The crash happens during a full test of the FreeBSD test suite, plus our proprietary tests. In particular, the test run includes everything from https://svnweb.freebsd.org/base/projects/zfsd/head/tests/sys/cddl/zfs/tests/ . All together, these test runs last about 5 hours. The crash can happen during any test. Usually it happens during one of the ZFS tests, simply because they take the most time. But it's also happened during the pw(8) tests. We're running on bare metal on a 2 socket Haswell system.

brd commented 8 years ago

Since this is happening in the FreeBSD Jenkins I'd like to revert the upgrade to 0.12 from the FreeBSD port until this gets fixed.

jmmv commented 8 years ago

Reverting the port sounds reasonable. I may be able to look at it later today, but if you have an earlier chance, feel free to proceed.

jmmv commented 8 years ago

This is very strange. I've been looking at the code and I cannot tell why erase() on that line would fail; what's doing is not complicated and I cannot see why the iterator would be invalid. Also, I cannot reproduce this either so it'll be hard to track down.

It'd be that the pid_t to int conversion is messing things up, though I don't think so because pid_t is defined as int32_t on amd64.
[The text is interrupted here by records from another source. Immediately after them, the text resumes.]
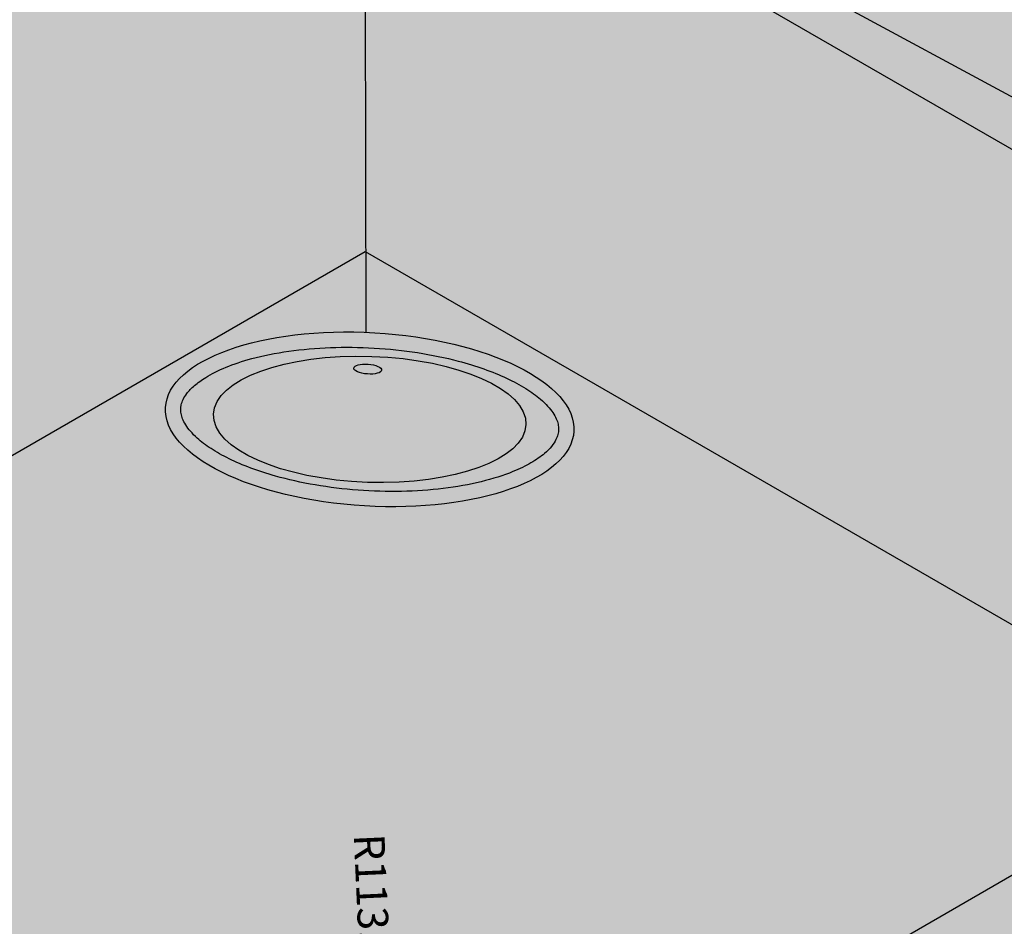
# Model space of a CAD drawing. Units: millimetres. Extents: x 78378 to 86415, y 148682 to 152721.
# Tile 13 of 18: x 80164 to 80806, y 150495 to 151086. Entities that reach past the tile are written whole.
import ezdxf

# ---------------------------------------------------------------- set-up
doc = ezdxf.new("R2010")
doc.units = ezdxf.units.MM
for name, color, linetype, lineweight in [('A-ANNO-DIMS', 2, 'Continuous', 18), ('A-FURN', 4, 'Continuous', 25), ('A-FURN-PATT', 32, 'Continuous', 13)]:
    doc.layers.add(name, color=color, linetype=linetype, lineweight=lineweight)
doc.styles.get("Standard").update_dxf_attribs({"font": 'arial.ttf'})
doc.dimstyles.new('ISO-25', dxfattribs={"dimtxt": 20, "dimasz": 20, "dimexe": 1.25, "dimexo": 0.625, "dimtad": 0, "dimdec": 1, "dimtxsty": 'Standard', "dimcen": 2.5, "dimadec": 0, "dimazin": 0, "dimtfac": 1, "dimtdec": 1, "dimtmove": 0, "dimatfit": 3, "dimfxl": 1, "dimarcsym": 0})

# ---------------------------------------------------------------- blocks, each defined once
blk = doc.blocks.new('*D65')
at = {"layer": 'A-ANNO-DIMS', "color": 0, "lineweight": -2, "transparency": 16777216}
for p, q in [((80394.08, 150453.29), (80394.98, 150433.31)), ((80401.02, 150300.38), (80395.89, 150413.33))]:
    blk.add_line(p, q, dxfattribs=at)
at = {"layer": 'A-ANNO-DIMS', "color": 0, "transparency": 16777216}
blk.add_solid([(80398.31, 150433.46), (80391.65, 150433.16), (80395.89, 150413.33)], dxfattribs=at)
at = {"layer": 'Defpoints', "color": 0, "transparency": 16777216}
for p in [(80395.89, 150413.33), (80401.02, 150300.38)]:
    blk.add_point(p, dxfattribs=at)
at = {"layer": 'A-ANNO-DIMS', "color": 0, "transparency": 16777216, "insert": (80391.73, 150504.94), "char_height": 20, "attachment_point": 5, "rotation": 272.60064}
blk.add_mtext('R113.06', dxfattribs=at)

msp = doc.modelspace()

# ---------------------------------------------------------------- hatches: boundary and pattern name
at = {"layer": 'A-FURN-PATT'}
h = msp.add_hatch(color=256, dxfattribs=at)
h.dxf.hatch_style = 1
h.paths.add_polyline_path([(78839.3276, 151040.0076), (78579.52, 151190.0076), (78579.52, 150470.0076), (78839.3276, 150320.0076)])
h.paths.add_polyline_path([(79073.1545, 150899.6469, 0.27777969), (79002.2645, 150996.3205, 0.79108393), (78917.9567, 150978.8719, 0.18044832), (78856.6481, 150853.0138), (78856.6481, 150350.6973), (79073.1545, 150484.318)])
h.paths.add_polyline_path([(79073.1545, 151175.0076), (78856.6481, 151050.0076), (78856.6481, 150853.0138, -0.18044832), (78917.9567, 150978.8719, -0.79108393), (79002.2645, 150996.3205, -0.27777969), (79073.1545, 150899.6469)])
h.paths.add_polyline_path([(79341.6224, 151350.0076), (79099.1352, 151490.0076), (78596.8405, 151200.0076), (78839.3276, 151060.0076)])
h.paths.add_polyline_path([(79904.5389, 151675.0076), (79662.0518, 151815.0076), (79099.1352, 151490.0076), (79341.6224, 151350.0076)])
h.paths.add_polyline_path([(80389.5131, 151955.0076), (80389.5131, 152235.0076), (79662.0518, 151815.0076), (79904.5389, 151675.0076)])
h.paths.add_polyline_path([(80389.5131, 151955.0076), (80164.3465, 151825.0076), (80164.3465, 151105.0076), (80614.6797, 151105.0076), (80614.6797, 151825.0076)])
edge = h.paths.add_edge_path(flags=16)
edge.add_spline(control_points=[(80216.308, 151728.251), (80227.1854, 151732.981), (80256.3301, 151745.6544), (80298.41, 151761.9595), (80340.2597, 151805.855), (80391.0771, 151782.0404), (80454.0396, 151805.7581), (80496.5007, 151742.4095), (80543.8218, 151733.4043), (80562.7182, 151729.8083)], knot_values=[0, 0, 0, 0, 35.54374676, 95.23575347, 136.36767513, 200.93298197, 236.72641081, 322.88993498, 380.17027367, 380.17027367, 380.17027367, 380.17027367], degree=3, periodic=0)
edge.add_line((80562.7182, 151729.8083), (80562.7182, 151165.0076))
edge.add_line((80562.7182, 151165.0076), (80216.308, 151165.0076))
edge.add_line((80216.308, 151165.0076), (80216.308, 151728.251))
h.paths.add_polyline_path([(80632.0002, 152095.0076), (80389.5131, 152235.0076), (80389.5131, 151955.0076), (80614.6797, 151825.0076), (80632.0002, 151815.0076)])
h.paths.add_polyline_path([(80867.7794, 151958.8805), (80632.0002, 152095.0076), (80632.0002, 151815.0076), (80632.0002, 151510.0076), (80867.7794, 151373.8805)])
h.paths.add_polyline_path([(80147.026, 151495.8203, 0.18918979), (80063.5671, 151597.7244, 0.78826136), (79979.2691, 151580.5832, 0.16072613), (79904.5389, 151413.5769), (79904.5389, 150955.0076), (80147.026, 151095.0076)])
h.paths.add_polyline_path([(80147.026, 151815.0076), (79904.5389, 151675.0076), (79904.5389, 151413.5769, -0.16072613), (79979.2691, 151580.5832, -0.78826136), (80063.5671, 151597.7244, -0.18918979), (80147.026, 151495.8203)])
h.paths.add_polyline_path([(79887.2184, 151645.0076), (79640.4011, 151502.5076), (79640.4011, 151262.3325, -0.16072613), (79715.1313, 151429.3387, -0.78826136), (79799.4294, 151446.48, -0.21290578), (79887.2184, 151328.7247)])
h.paths.add_polyline_path([(79799.4294, 151446.48, 0.78826136), (79715.1313, 151429.3387, 0.16072613), (79640.4011, 151262.3325), (79640.4011, 150822.5076), (79887.2184, 150965.0076), (79887.2184, 151328.7247, 0.21290578)])
h.paths.add_polyline_path([(79605.7601, 151482.5076), (79358.9429, 151340.0076), (79358.9429, 151100.0701, -0.16072613), (79433.6731, 151267.0764, -0.78826136), (79517.9711, 151284.2176, -0.21290578), (79605.7601, 151166.4623)])
h.paths.add_polyline_path([(79605.7601, 151166.4623, 0.21290578), (79517.9711, 151284.2176, 0.78826136), (79433.6731, 151267.0764, 0.16072613), (79358.9429, 151100.0701), (79358.9429, 150742.9831), (79419.0877, 150694.7323), (79605.7601, 150802.5076)])
edge = h.paths.add_edge_path(flags=0)
edge.add_spline(control_points=[(81152.4356, 151098.7676), (81105.7208, 151145.9466), (81038.6136, 151213.7208), (80882.3866, 151214.1938), (80797.4434, 151311.2997), (80711.8686, 151340.3754), (80681.7691, 151350.6023)], knot_values=[0, 0, 0, 0, 188.233441, 270.4032752, 445.45179201, 540.42858829, 540.42858829, 540.42858829, 540.42858829], degree=3, periodic=0)
edge.add_line((80683.4538, 151350.0269), (80683.4538, 151104.8792))
edge.add_line((80683.4538, 151104.8792), (81152.4356, 150851.399))
edge.add_line((81152.4356, 150851.399), (81152.4356, 151098.7676))
edge = h.paths.add_edge_path(flags=0)
edge.add_spline(control_points=[(80912.9018, 151027.1103), (80892.3742, 151034.1027), (80860.1663, 151045.0739), (80835.5097, 151068.1214), (80826.5679, 151076.4797)], knot_values=[0, 0, 0, 0, 63.98405104, 100.39142428, 100.39142428, 100.39142428, 100.39142428], degree=3, periodic=0)
edge.add_arc((80830.0414, 151081.2992), 5.9407, 100.9277276, 234.2187381, ccw=False)
edge.add_spline(control_points=[(80828.9152, 151087.1322), (80837.857, 151078.7739), (80862.5136, 151055.7263), (80894.7215, 151044.7552), (80915.2491, 151037.7628)], knot_values=[0, 0, 0, 0, 36.40737324, 100.39142428, 100.39142428, 100.39142428, 100.39142428], degree=3, periodic=0)
edge.add_arc((80914.7882, 151032.2795), 5.5026, -107.9540399, 85.195579, ccw=False)
h.paths.add_polyline_path([(81238.218, 151110.0076), (80632.0002, 151460.0076), (80632.0002, 151105.0076), (81238.218, 150755.0076)])
edge = h.paths.add_edge_path(flags=16)
edge.add_line((81152.4356, 150851.399), (80683.4538, 151104.8792))
edge.add_line((80683.4538, 151104.8792), (80683.4538, 151350.0279))
edge.add_spline(control_points=[(80681.7691, 151350.6023), (80711.8686, 151340.3754), (80797.4434, 151311.2997), (80882.3866, 151214.1938), (81038.6136, 151213.7208), (81105.7208, 151145.9466), (81152.4356, 151098.7676)], knot_values=[0, 0, 0, 0, 94.97679628, 270.02531309, 352.19514729, 540.42858829, 540.42858829, 540.42858829, 540.42858829], degree=3, periodic=0)
edge.add_line((81152.4356, 151098.7676), (81152.4356, 150851.399))
edge = h.paths.add_edge_path(flags=0)
edge.add_spline(control_points=[(80912.9018, 151027.1103), (80892.3742, 151034.1027), (80860.1663, 151045.0739), (80835.5097, 151068.1214), (80826.5679, 151076.4797)], knot_values=[0, 0, 0, 0, 63.98405104, 100.39142428, 100.39142428, 100.39142428, 100.39142428], degree=3, periodic=0)
edge.add_arc((80830.0414, 151081.2992), 5.9407, 100.9277276, 234.2187381, ccw=False)
edge.add_spline(control_points=[(80828.9152, 151087.1322), (80837.857, 151078.7739), (80862.5136, 151055.7263), (80894.7215, 151044.7552), (80915.2491, 151037.7628)], knot_values=[0, 0, 0, 0, 36.40737324, 100.39142428, 100.39142428, 100.39142428, 100.39142428], degree=3, periodic=0)
edge.add_arc((80914.7882, 151032.2795), 5.5026, -107.7417882, 85.195579, ccw=False)
h.paths.add_polyline_path([(81498.0256, 151255.0076), (81238.218, 151110.0076), (81238.218, 150755.0076), (81498.0256, 150905.0076)])
edge = h.paths.add_edge_path(flags=16)
edge.add_spline(control_points=[(81152.4356, 151098.7676), (81105.7208, 151145.9466), (81038.6136, 151213.7208), (80882.3866, 151214.1938), (80797.4434, 151311.2997), (80711.8686, 151340.3754), (80681.7691, 151350.6023)], knot_values=[0, 0, 0, 0, 188.233441, 270.4032752, 445.45179201, 540.42858829, 540.42858829, 540.42858829, 540.42858829], degree=3, periodic=0)
edge.add_line((80683.4538, 151350.0279), (80683.4538, 151104.8792))
edge.add_line((80683.4538, 151104.8792), (81152.4356, 150851.399))
edge.add_line((81152.4356, 150851.399), (81152.4356, 151098.7676))
h.paths.add_polyline_path([(81453.9904, 151280.4314), (80867.7794, 151618.8805), (80867.7794, 151373.8805), (81238.218, 151160.0076)])
edge = h.paths.add_edge_path(flags=16)
edge.add_line((81189.2304, 151297.6373), (81114.4166, 151300.2154))
edge.add_arc((81412.0967, 151394.0167), 312.1092, 179.7569303, 197.4900342, ccw=False)
edge.add_ellipse((81154.0183, 151392.0436), major_axis=(-54.0264, 3.6301), ratio=0.22179693, start_angle=0, end_angle=0.3517985, ccw=False)
edge.add_ellipse((81154.0183, 151392.0436), major_axis=(-54.0264, 3.6301), ratio=0.22179693, start_angle=180, end_angle=360, ccw=False)
edge.add_spline(control_points=[(81196.1844, 151321.9476), (81224.9802, 151347.1455), (81266.8846, 151383.8144), (81222.0354, 151387.0304), (81208.0056, 151388.0364)], knot_values=[0, 0, 0, 0, 75.09175173, 109.27580439, 109.27580439, 109.27580439, 109.27580439], degree=3, periodic=0)
edge.add_arc((80751.9112, 151435.6145), 458.5693, 342.4891602, 345.646172, ccw=False)
edge = h.paths.add_edge_path(flags=0)
edge.add_spline(control_points=[(81196.6193, 151323.657), (81197.893, 151324.7717), (81199.1654, 151325.8858), (81209.0233, 151334.5343), (81217.3959, 151341.9835), (81228.0928, 151352.5012), (81231.3883, 151355.9524), (81236.9493, 151362.4395), (81239.214, 151365.4773), (81241.4987, 151369.416), (81242.064, 151370.5542), (81242.9187, 151372.6971), (81243.2076, 151373.7015), (81243.5012, 151375.5539), (81243.5065, 151376.4), (81243.2432, 151377.9407), (81242.9775, 151378.6373), (81242.1402, 151379.937), (81241.5659, 151380.5416), (81240.2039, 151381.533), (81239.4963, 151381.9384), (81237.0619, 151383.0663), (81235.0242, 151383.6999), (81230.352, 151384.7569), (81227.7173, 151385.1826), (81221.9118, 151385.9145), (81218.7193, 151386.2133), (81213.7912, 151386.6115), (81212.1252, 151386.7359), (81209.6196, 151386.9181), (81208.7865, 151386.9779), (81207.9009, 151387.0432)], knot_values=[0.01548744, 0.01548744, 0.01548744, 0.01548744, 3.33787957, 3.33787957, 25.85130624, 25.85130624, 37.52811308, 37.52811308, 49.20491992, 49.20491992, 54.2850938, 54.2850938, 59.36526768, 59.36526768, 64.44544157, 64.44544157, 69.52561545, 69.52561545, 74.60578933, 74.60578933, 78.49366785, 78.49366785, 86.25567095, 86.25567095, 94.01767406, 94.01767406, 102.20226556, 102.20226556, 106.29456131, 106.29456131, 108.32522175, 108.32522175, 108.32522175, 108.32522175], degree=3, periodic=0)
edge = h.paths.add_edge_path(flags=16)
edge.add_arc((81034.1732, 151350.4693), 42.5822, 231.2679035, 306.151846, ccw=False)
edge.add_line((81007.5303, 151317.2517), (81007.5303, 151395.181))
edge.add_ellipse((81033.412, 151394.7791), major_axis=(-25.8816, 0.4538), ratio=0.23894509, start_angle=0, end_angle=0.1147075, ccw=False)
edge.add_ellipse((81033.412, 151394.7791), major_axis=(-25.8816, 0.4538), ratio=0.23894509, start_angle=181.1677709, end_angle=358.9476457, ccw=False)
edge.add_ellipse((81033.412, 151395.7791), major_axis=(-25.8816, 0.4538), ratio=0.23894509, start_angle=180, end_angle=360.1147075, ccw=False)
edge.add_ellipse((81033.412, 151395.7791), major_axis=(-25.8816, 0.4538), ratio=0.23894509, start_angle=178.9476457, end_angle=180, ccw=False)
edge.add_line((81059.2936, 151395.1778), (81059.2936, 151394.3772))
edge.add_ellipse((81033.412, 151394.7791), major_axis=(-25.8816, 0.4538), ratio=0.23894509, start_angle=180, end_angle=180.1147075, ccw=False)
edge.add_ellipse((81033.412, 151394.7791), major_axis=(-25.8816, 0.4538), ratio=0.23894509, start_angle=3.6903098, end_angle=176.4406503, ccw=False)
edge.add_line((81059.2936, 151393.3388), (81059.2936, 151316.086))
h.paths.add_polyline_path([(80951.9355, 151343.9568), (80909.6838, 151362.4635), (80904.0219, 151443.9615, -0.38133308), (80987.2169, 151411.3717)], flags=16)
h = msp.add_hatch(color=256, dxfattribs=at)
h.dxf.hatch_style = 1
h.paths.add_polyline_path([(80389.8136, 150935.1811), (80389.5131, 151105.0076), (80164.3465, 151105.0076), (79904.5389, 150955.0076), (79433.5848, 150683.1022), (79459.4128, 150662.3818), (79243.9048, 150537.9582), (79160.4069, 150518.1674), (78839.3276, 150320.0076), (78579.52, 150470.0076), (78570.8597, 150475.0076), (78570.8597, 150465.0076), (78570.8597, 149885.0076)])
h.paths.add_polyline_path([(80086.4042, 150460.0076), (79826.5966, 150610.0076), (78570.8597, 149885.0076), (78830.6674, 149735.0076)])
h.paths.add_polyline_path([(79540.8001, 150161.0557), (79217.3967, 149974.3386), (78980.9166, 150110.8705), (79304.32, 150297.5875)], flags=16)
h.paths.add_polyline_path([(79506.159, 150161.0557), (79217.3967, 149994.3386), (79015.5576, 150110.8705), (79304.32, 150277.5875)], flags=0)
edge = h.paths.add_edge_path(flags=0)
edge.add_arc((79247.8636, 150177.1541), 137.9799, 256.0025928, 293.5594109)
edge.add_arc((79240.7671, 150078.2605), 68.0855, 336.099104, 387.3696877)
edge.add_ellipse((79258.3074, 150109.4852), major_axis=(-42.6234, -1.6591), ratio=0.16042843, start_angle=0, end_angle=179.0977279, ccw=False)
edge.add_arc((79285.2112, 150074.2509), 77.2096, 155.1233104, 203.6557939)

I'm also looking at running a full test run with Valgrind to see if that brings some light (of any form).

jmmv commented 8 years ago

Valgrind reported nothing interesting. Also tried an AddressSanitizer-enabled build and, while this reports a bunch of issues in test programs (most of which come from atf-c++), the main kyua binary didn't report any.

brd commented 8 years ago

@jmmv Thank you for researching it, but I would like to go ahead and roll the port back. Is that OK with you?

https://people.freebsd.org/~brd/patches/kyua-rollback.diff

jmmv commented 8 years ago

Yes. Sorry I didn't get to doing this earlier...

brd commented 8 years ago

No worries, thank you!

jmmv commented 8 years ago

Excellent. I have been finally able to reproduce this locally: created a fake test suite composed of symlinks to the Kyua tests 100 times, and then ran kyua test on it. The crash comes after about 10 minutes in this case, with the same stack trace as above.

brd commented 8 years ago

Thanks @jmmv, I will try and get this commit imported to test it on our local repo.

Do you have any thoughts on when you will do a release with this in it?

jmmv commented 8 years ago

If you can test it, great!

Regarding a new release: soon, likely. I would like to look at a couple more bug reports (like the junit one) before doing one but won't add any new features into it.